1.3.6) En cas de résistance, il faut ajouter (add on) un 2 e NUC n’ayant pas de résistance croisée avec le premier.

2) Cirrhose

Que faire en cas de cirrhose ?

2.1) L’indication du traitement ne repose pas sur le taux des transaminases (ALAT) qui peuvent être normales.

2.2) L’IFN est à éviter en cas de cirrhose compensée.

2.3) L’usage de NUC exposant à une faible incidence de résistance (entecavir [sauf en cas de traitement préalable par la lamivudine] et ténofovir) est particulièrement recommandé dans cette situation. Si l’on doit employer (pour des raisons autres que scientifiques) la lamivudine, il est recommandé d’y adjoindre l’adéfovir ou mieux le ténofovir (1).

2.4) En cas de cirrhose décompensée :

- l’IFN est contre-indiqué,

- la question de la transplantation doit se poser,

- l’usage de NUC puissants (entecavir ou ténofovir) permet parfois de retirer des malades de la liste d’attente de greffe.

3) Coïnfection

Que faire en cas de coïnfection virale ?

3.1) Coïnfection VHB-VIH.

3.1.1) Le traitement du VIH peut entraîner une poussée de l’hépatite B due à la restauration immune.

3.1.2) Les indications du traitement du VHB sont les mêmes que chez le sujet mono-infecté (augmentation des ALAT, taux de virémie par PCR en temps réel, sévérité de l’atteinte histologique).

3.1.3) Dans la majorité des cas, il est recommandé de traiter simultanément de novo le VIH et le VHB (3). Dans cette optique l’association emtricitabine + ténofovir plus un troisième produit actif sur le VIH est recommandée. En revanche dans les rares cas où l’on souhaite traiter le VHB avant de traiter le VIH, il convient d’avoir recours à l’adéfovir et à la telbivudine et d’éviter la lamivudine, l’entecavir et le ténofovir qui ont une action sur le VIH (1).

3.2) Coïnfection VHB-virus Delta (VHD).

3.2.1) Le diagnostic d’une coïnfection active avec le virus Delta repose sur la mise en évidence des faits suivants :

- présence d’IgM anti-VHD.

- détection de l’ARN du VHD par PCR.

- détection de l’Ag du VHD sur la biopsie du foie (immuno-histochimie).
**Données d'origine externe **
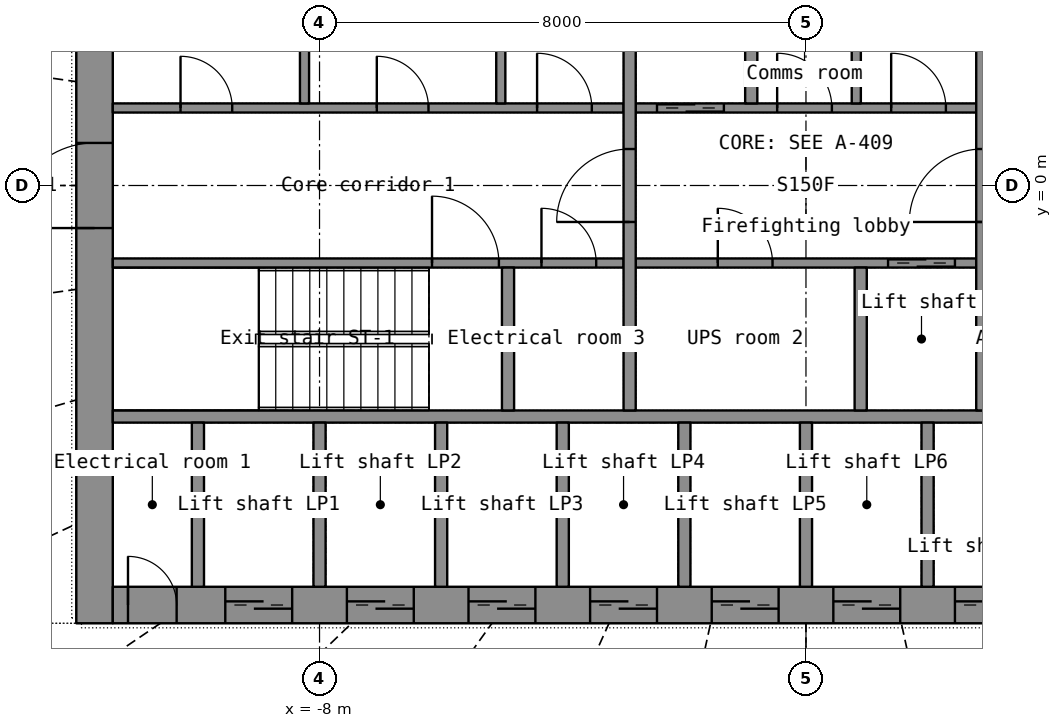
"""IFC4 building model, lengths in metres.
Left out: names, types, materials, properties, quantities, classifications, styles, units other than length and angle.
Written with IfcOpenShell. Run it as: python <this file> out.ifc"""

import sys

from ifc_helpers import new_model, si_unit, direction, frame, frame_2d, origin, place, context, subcontext, project, spatial, rectangle, extrude, element, fill, save


model = new_model("IFC4")
c1 = context("Model", 3, precision=1e-05, world=origin(), true_north=direction((0.0, 1.0)))
c2 = subcontext(c1, "Body", "Model", "MODEL_VIEW")
j1 = project(units=[si_unit("LENGTHUNIT", "METRE"), si_unit("PLANEANGLEUNIT", "RADIAN")], contexts=[c1])
p1 = place(None, origin())
s1 = spatial("IfcSite", under=j1, at=p1, CompositionType="ELEMENT")
p2 = place(p1, origin())
s2 = spatial("IfcBuilding", under=s1, at=p2, CompositionType="ELEMENT")
p3 = place(p2, frame((0.0, 0.0, 55.6)))
s3 = spatial("IfcBuildingStorey", under=s2, at=p3, CompositionType="ELEMENT", Elevation=55.6)
p4 = place(p3, frame((-11.7, -7.2, 0.0), z_axis=(0.0, 0.0, 1.0), x_axis=(0.0, 1.0, 0.0)))
e1 = element("IfcWall", 1, at=p4, inside=s3, PredefinedType="SHEAR", context=c2, shape_type="SweptSolid", body=[
    extrude(rectangle(XDim=14.4, YDim=0.6, at=frame_2d((7.2, 0.0))), origin(), (0.0, 0.0, 1.0), 3.3),
])
p5 = place(p4, frame((6.5, 0.0, 0.0)))
e2 = element("IfcOpeningElement", 2, at=p5, cuts=e1, PredefinedType="OPENING", context=c2, shape_type="SweptSolid", body=[
    extrude(rectangle(XDim=1.4, YDim=2.2, at=frame_2d((0.7, 1.1))), frame((0.0, 0.31, 0.0), z_axis=(0.0, -1.0, 0.0), x_axis=(1.0, 0.0, 0.0)), (0.0, 0.0, 1.0), 0.62),
])
p6 = place(p3, frame((-11.4, -6.9, 0.0), z_axis=(0.0, 0.0, 1.0), x_axis=(1.0, 0.0, 0.0)))
e3 = element("IfcWall", 3, at=p6, inside=s3, PredefinedType="SHEAR", context=c2, shape_type="SweptSolid", body=[
    extrude(rectangle(XDim=22.8, YDim=0.6, at=frame_2d((11.4, 0.0))), origin(), (0.0, 0.0, 1.0), 3.3),
])
p7 = place(p6, frame((1.85, 0.0, 0.0)))
e4 = element("IfcOpeningElement", 4, at=p7, cuts=e3, PredefinedType="OPENING", context=c2, shape_type="SweptSolid", body=[
    extrude(rectangle(XDim=1.1, YDim=2.2, at=frame_2d((0.55, 1.1))), frame((0.0, 0.31, 0.0), z_axis=(0.0, -1.0, 0.0), x_axis=(1.0, 0.0, 0.0)), (0.0, 0.0, 1.0), 0.62),
])
p8 = place(p6, frame((3.85, 0.0, 0.0)))
e5 = element("IfcOpeningElement", 5, at=p8, cuts=e3, PredefinedType="OPENING", context=c2, shape_type="SweptSolid", body=[
    extrude(rectangle(XDim=1.1, YDim=2.2, at=frame_2d((0.55, 1.1))), frame((0.0, 0.31, 0.0), z_axis=(0.0, -1.0, 0.0), x_axis=(1.0, 0.0, 0.0)), (0.0, 0.0, 1.0), 0.62),
])
p9 = place(p6, frame((5.85, 0.0, 0.0)))
e6 = element("IfcOpeningElement", 6, at=p9, cuts=e3, PredefinedType="OPENING", context=c2, shape_type="SweptSolid", body=[
    extrude(rectangle(XDim=1.1, YDim=2.2, at=frame_2d((0.55, 1.1))), frame((0.0, 0.31, 0.0), z_axis=(0.0, -1.0, 0.0), x_axis=(1.0, 0.0, 0.0)), (0.0, 0.0, 1.0), 0.62),
])
p10 = place(p6, frame((7.85, 0.0, 0.0)))
e7 = element("IfcOpeningElement", 7, at=p10, cuts=e3, PredefinedType="OPENING", context=c2, shape_type="SweptSolid", body=[
    extrude(rectangle(XDim=1.1, YDim=2.2, at=frame_2d((0.55, 1.1))), frame((0.0, 0.31, 0.0), z_axis=(0.0, -1.0, 0.0), x_axis=(1.0, 0.0, 0.0)), (0.0, 0.0, 1.0), 0.62),
])
p11 = place(p6, frame((9.85, 0.0, 0.0)))
e8 = element("IfcOpeningElement", 8, at=p11, cuts=e3, PredefinedType="OPENING", context=c2, shape_type="SweptSolid", body=[
    extrude(rectangle(XDim=1.1, YDim=2.2, at=frame_2d((0.55, 1.1))), frame((0.0, 0.31, 0.0), z_axis=(0.0, -1.0, 0.0), x_axis=(1.0, 0.0, 0.0)), (0.0, 0.0, 1.0), 0.62),
])
p12 = place(p6, frame((11.85, 0.0, 0.0)))
e9 = element("IfcOpeningElement", 9, at=p12, cuts=e3, PredefinedType="OPENING", context=c2, shape_type="SweptSolid", body=[
    extrude(rectangle(XDim=1.1, YDim=2.2, at=frame_2d((0.55, 1.1))), frame((0.0, 0.31, 0.0), z_axis=(0.0, -1.0, 0.0), x_axis=(1.0, 0.0, 0.0)), (0.0, 0.0, 1.0), 0.62),
])
p13 = place(p6, frame((13.85, 0.0, 0.0)))
e10 = element("IfcOpeningElement", 10, at=p13, cuts=e3, PredefinedType="OPENING", context=c2, shape_type="SweptSolid", body=[
    extrude(rectangle(XDim=1.1, YDim=2.2, at=frame_2d((0.55, 1.1))), frame((0.0, 0.31, 0.0), z_axis=(0.0, -1.0, 0.0), x_axis=(1.0, 0.0, 0.0)), (0.0, 0.0, 1.0), 0.62),
])
p14 = place(p6, frame((15.85, 0.0, 0.0)))
e11 = element("IfcOpeningElement", 11, at=p14, cuts=e3, PredefinedType="OPENING", context=c2, shape_type="SweptSolid", body=[
    extrude(rectangle(XDim=1.1, YDim=2.2, at=frame_2d((0.55, 1.1))), frame((0.0, 0.31, 0.0), z_axis=(0.0, -1.0, 0.0), x_axis=(1.0, 0.0, 0.0)), (0.0, 0.0, 1.0), 0.62),
])
p15 = place(p6, frame((19.85, 0.0, 0.0)))
e12 = element("IfcOpeningElement", 12, at=p15, cuts=e3, PredefinedType="OPENING", context=c2, shape_type="SweptSolid", body=[
    extrude(rectangle(XDim=1.1, YDim=2.2, at=frame_2d((0.55, 1.1))), frame((0.0, 0.31, 0.0), z_axis=(0.0, -1.0, 0.0), x_axis=(1.0, 0.0, 0.0)), (0.0, 0.0, 1.0), 0.62),
])
p16 = place(p6, frame((0.25, 0.0, 0.0)))
e13 = element("IfcOpeningElement", 13, at=p16, cuts=e3, PredefinedType="OPENING", context=c2, shape_type="SweptSolid", body=[
    extrude(rectangle(XDim=0.8, YDim=2.05, at=frame_2d((0.4, 1.025))), frame((0.0, 0.31, 0.0), z_axis=(0.0, -1.0, 0.0), x_axis=(1.0, 0.0, 0.0)), (0.0, 0.0, 1.0), 0.62),
])
p17 = place(p6, frame((21.75, 0.0, 0.0)))
e14 = element("IfcOpeningElement", 14, at=p17, cuts=e3, PredefinedType="OPENING", context=c2, shape_type="SweptSolid", body=[
    extrude(rectangle(XDim=0.8, YDim=2.05, at=frame_2d((0.4, 1.025))), frame((0.0, 0.31, 0.0), z_axis=(0.0, -1.0, 0.0), x_axis=(1.0, 0.0, 0.0)), (0.0, 0.0, 1.0), 0.62),
])
p18 = place(p3, frame((-11.4, -3.8, 0.0), z_axis=(0.0, 0.0, 1.0), x_axis=(1.0, 0.0, 0.0)))
e15 = element("IfcWall", 15, at=p18, inside=s3, PredefinedType="SHEAR", context=c2, shape_type="SweptSolid", body=[
    extrude(rectangle(XDim=22.8, YDim=0.2, at=frame_2d((11.4, 0.0))), origin(), (0.0, 0.0, 1.0), 3.3),
])
for number, where, z_axis, x_axis in (
    (16, (-10.0, -6.6, 0.0), (0.0, 0.0, 1.0), (0.0, 1.0, 0.0)),
    (17, (-8.0, -6.6, 0.0), (0.0, 0.0, 1.0), (0.0, 1.0, 0.0)),
    (18, (-6.0, -6.6, 0.0), (0.0, 0.0, 1.0), (0.0, 1.0, 0.0)),
    (19, (-4.0, -6.6, 0.0), (0.0, 0.0, 1.0), (0.0, 1.0, 0.0)),
    (20, (-2.0, -6.6, 0.0), (0.0, 0.0, 1.0), (0.0, 1.0, 0.0)),
    (21, (0.0, -6.6, 0.0), (0.0, 0.0, 1.0), (0.0, 1.0, 0.0)),
    (22, (2.0, -6.6, 0.0), (0.0, 0.0, 1.0), (0.0, 1.0, 0.0)),
):
    element("IfcWall", number, at=place(p3, frame(where, z_axis=z_axis, x_axis=x_axis)), inside=s3, PredefinedType="SHEAR", context=c2, shape_type="SweptSolid", body=[
        extrude(rectangle(XDim=2.7, YDim=0.2, at=frame_2d((1.35, 0.0))), origin(), (0.0, 0.0, 1.0), 3.3),
    ])
p19 = place(p3, frame((-11.4, -1.275, 0.0), z_axis=(0.0, 0.0, 1.0), x_axis=(1.0, 0.0, 0.0)))
e23 = element("IfcWall", 23, at=p19, inside=s3, PredefinedType="SHEAR", context=c2, shape_type="SweptSolid", body=[
    extrude(rectangle(XDim=8.4, YDim=0.15, at=frame_2d((4.2, 0.0))), origin(), (0.0, 0.0, 1.0), 3.3),
])
p20 = place(p19, frame((5.25, 0.0, 0.0)))
e24 = element("IfcOpeningElement", 24, at=p20, cuts=e23, PredefinedType="OPENING", context=c2, shape_type="SweptSolid", body=[
    extrude(rectangle(XDim=1.1, YDim=2.15, at=frame_2d((0.55, 1.075))), frame((0.0, 0.085, 0.0), z_axis=(0.0, -1.0, 0.0), x_axis=(1.0, 0.0, 0.0)), (0.0, 0.0, 1.0), 0.17),
])
p21 = place(p19, frame((7.05, 0.0, 0.0)))
e25 = element("IfcOpeningElement", 25, at=p21, cuts=e23, PredefinedType="OPENING", context=c2, shape_type="SweptSolid", body=[
    extrude(rectangle(XDim=0.9, YDim=2.1, at=frame_2d((0.45, 1.05))), frame((0.0, 0.085, 0.0), z_axis=(0.0, -1.0, 0.0), x_axis=(1.0, 0.0, 0.0)), (0.0, 0.0, 1.0), 0.17),
])
p22 = place(p3, frame((-2.8, -1.275, 0.0), z_axis=(0.0, 0.0, 1.0), x_axis=(1.0, 0.0, 0.0)))
e26 = element("IfcWall", 26, at=p22, inside=s3, PredefinedType="SHEAR", context=c2, shape_type="SweptSolid", body=[
    extrude(rectangle(XDim=5.6, YDim=0.15, at=frame_2d((2.8, 0.0))), origin(), (0.0, 0.0, 1.0), 3.3),
])
p23 = place(p22, frame((4.15, 0.0, 0.0)))
e27 = element("IfcOpeningElement", 27, at=p23, cuts=e26, PredefinedType="OPENING", context=c2, shape_type="SweptSolid", body=[
    extrude(rectangle(XDim=1.1, YDim=2.2, at=frame_2d((0.55, 1.1))), frame((0.0, 0.085, 0.0), z_axis=(0.0, -1.0, 0.0), x_axis=(1.0, 0.0, 0.0)), (0.0, 0.0, 1.0), 0.17),
])
p24 = place(p22, frame((1.35, 0.0, 0.0)))
e28 = element("IfcOpeningElement", 28, at=p24, cuts=e26, PredefinedType="OPENING", context=c2, shape_type="SweptSolid", body=[
    extrude(rectangle(XDim=0.9, YDim=2.1, at=frame_2d((0.45, 1.05))), frame((0.0, 0.085, 0.0), z_axis=(0.0, -1.0, 0.0), x_axis=(1.0, 0.0, 0.0)), (0.0, 0.0, 1.0), 0.17),
])
p25 = place(p3, frame((-11.4, 1.275, 0.0), z_axis=(0.0, 0.0, 1.0), x_axis=(1.0, 0.0, 0.0)))
e29 = element("IfcWall", 29, at=p25, inside=s3, PredefinedType="PARTITIONING", context=c2, shape_type="SweptSolid", body=[
    extrude(rectangle(XDim=8.4, YDim=0.15, at=frame_2d((4.2, 0.0))), origin(), (0.0, 0.0, 1.0), 3.3),
])
p26 = place(p25, frame((1.114, 0.0, 0.0)))
e30 = element("IfcOpeningElement", 30, at=p26, cuts=e29, PredefinedType="OPENING", context=c2, shape_type="SweptSolid", body=[
    extrude(rectangle(XDim=0.85, YDim=2.1, at=frame_2d((0.425, 1.05))), frame((0.0, 0.085, 0.0), z_axis=(0.0, -1.0, 0.0), x_axis=(1.0, 0.0, 0.0)), (0.0, 0.0, 1.0), 0.17),
])
p27 = place(p25, frame((4.342, 0.0, 0.0)))
e31 = element("IfcOpeningElement", 31, at=p27, cuts=e29, PredefinedType="OPENING", context=c2, shape_type="SweptSolid", body=[
    extrude(rectangle(XDim=0.85, YDim=2.1, at=frame_2d((0.425, 1.05))), frame((0.0, 0.085, 0.0), z_axis=(0.0, -1.0, 0.0), x_axis=(1.0, 0.0, 0.0)), (0.0, 0.0, 1.0), 0.17),
])
p28 = place(p25, frame((6.978, 0.0, 0.0)))
e32 = element("IfcOpeningElement", 32, at=p28, cuts=e29, PredefinedType="OPENING", context=c2, shape_type="SweptSolid", body=[
    extrude(rectangle(XDim=0.9, YDim=2.1, at=frame_2d((0.45, 1.05))), frame((0.0, 0.085, 0.0), z_axis=(0.0, -1.0, 0.0), x_axis=(1.0, 0.0, 0.0)), (0.0, 0.0, 1.0), 0.17),
])
p29 = place(p3, frame((-2.8, 1.275, 0.0), z_axis=(0.0, 0.0, 1.0), x_axis=(1.0, 0.0, 0.0)))
e33 = element("IfcWall", 33, at=p29, inside=s3, PredefinedType="SHEAR", context=c2, shape_type="SweptSolid", body=[
    extrude(rectangle(XDim=5.6, YDim=0.15, at=frame_2d((2.8, 0.0))), origin(), (0.0, 0.0, 1.0), 3.3),
])
p30 = place(p29, frame((0.35, 0.0, 0.0)))
e34 = element("IfcOpeningElement", 34, at=p30, cuts=e33, PredefinedType="OPENING", context=c2, shape_type="SweptSolid", body=[
    extrude(rectangle(XDim=1.1, YDim=2.2, at=frame_2d((0.55, 1.1))), frame((0.0, 0.085, 0.0), z_axis=(0.0, -1.0, 0.0), x_axis=(1.0, 0.0, 0.0)), (0.0, 0.0, 1.0), 0.17),
])
p31 = place(p29, frame((2.326, 0.0, 0.0)))
e35 = element("IfcOpeningElement", 35, at=p31, cuts=e33, PredefinedType="OPENING", context=c2, shape_type="SweptSolid", body=[
    extrude(rectangle(XDim=0.9, YDim=2.1, at=frame_2d((0.45, 1.05))), frame((0.0, 0.085, 0.0), z_axis=(0.0, -1.0, 0.0), x_axis=(1.0, 0.0, 0.0)), (0.0, 0.0, 1.0), 0.17),
])
p32 = place(p29, frame((4.201, 0.0, 0.0)))
e36 = element("IfcOpeningElement", 36, at=p32, cuts=e33, PredefinedType="OPENING", context=c2, shape_type="SweptSolid", body=[
    extrude(rectangle(XDim=0.9, YDim=2.1, at=frame_2d((0.45, 1.05))), frame((0.0, 0.085, 0.0), z_axis=(0.0, -1.0, 0.0), x_axis=(1.0, 0.0, 0.0)), (0.0, 0.0, 1.0), 0.17),
])
p33 = place(p3, frame((-2.9, -3.7, 0.0), z_axis=(0.0, 0.0, 1.0), x_axis=(0.0, 1.0, 0.0)))
e37 = element("IfcWall", 37, at=p33, inside=s3, PredefinedType="SHEAR", context=c2, shape_type="SweptSolid", body=[
    extrude(rectangle(XDim=7.4, YDim=0.2, at=frame_2d((3.7, 0.0))), origin(), (0.0, 0.0, 1.0), 3.3),
])
p34 = place(p33, frame((3.1, 0.0, 0.0)))
e38 = element("IfcOpeningElement", 38, at=p34, cuts=e37, PredefinedType="OPENING", context=c2, shape_type="SweptSolid", body=[
    extrude(rectangle(XDim=1.2, YDim=2.2, at=frame_2d((0.6, 1.1))), frame((0.0, 0.11, 0.0), z_axis=(0.0, -1.0, 0.0), x_axis=(1.0, 0.0, 0.0)), (0.0, 0.0, 1.0), 0.22),
])
p35 = place(p3, frame((2.9, -3.7, 0.0), z_axis=(0.0, 0.0, 1.0), x_axis=(0.0, 1.0, 0.0)))
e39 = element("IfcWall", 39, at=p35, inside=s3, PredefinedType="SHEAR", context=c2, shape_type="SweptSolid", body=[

3.2.2) L’IFN est recommandé. Les NUC en monothérapie ne sont pas efficaces.

3.3) Coïnfection VHB-VHC.

3.3.1) Le plus souvent l’ADN du VHB est à un taux faible ou non détectable et c’est le VHC qui est responsable de l’activité de l’hépatite.

3.3.2) C’est pourquoi le traitement recommandé consiste en une association d’IFN et de ribavirine. Une réactivation virale B est possible au décours de ce traitement qui pourrait justifier l’usage des NUC.

Réponse

L’assertion 2.2) est inexacte. En effet si la cirrhose n’est pas décompensée, il n’est pas interdit d’avoir recours à l’IFN pour traiter une infection virale B (1).

Pour en savoir plus

1) European Association for the Study of the Liver. EASL Clinical Practice Guidelines : Management of chronic hepatitis B. J Hepatol 50 (2009), doi : 10.1016/j.jhep.2008.10.001

2) T. Asselah et al. Traitement de l’hépatite chronique B. Gastroenterol Clin Biol 2008 ;32 : 749-68.

3) J.K. Rockstroh et al. European AIDS Clinical Society (EACS) guidelines fo the clinical management and treatment of chronic hepatitis B and C coïnfection in HIV-infected adults. HIV Med 2008 ; 9 : 82-88.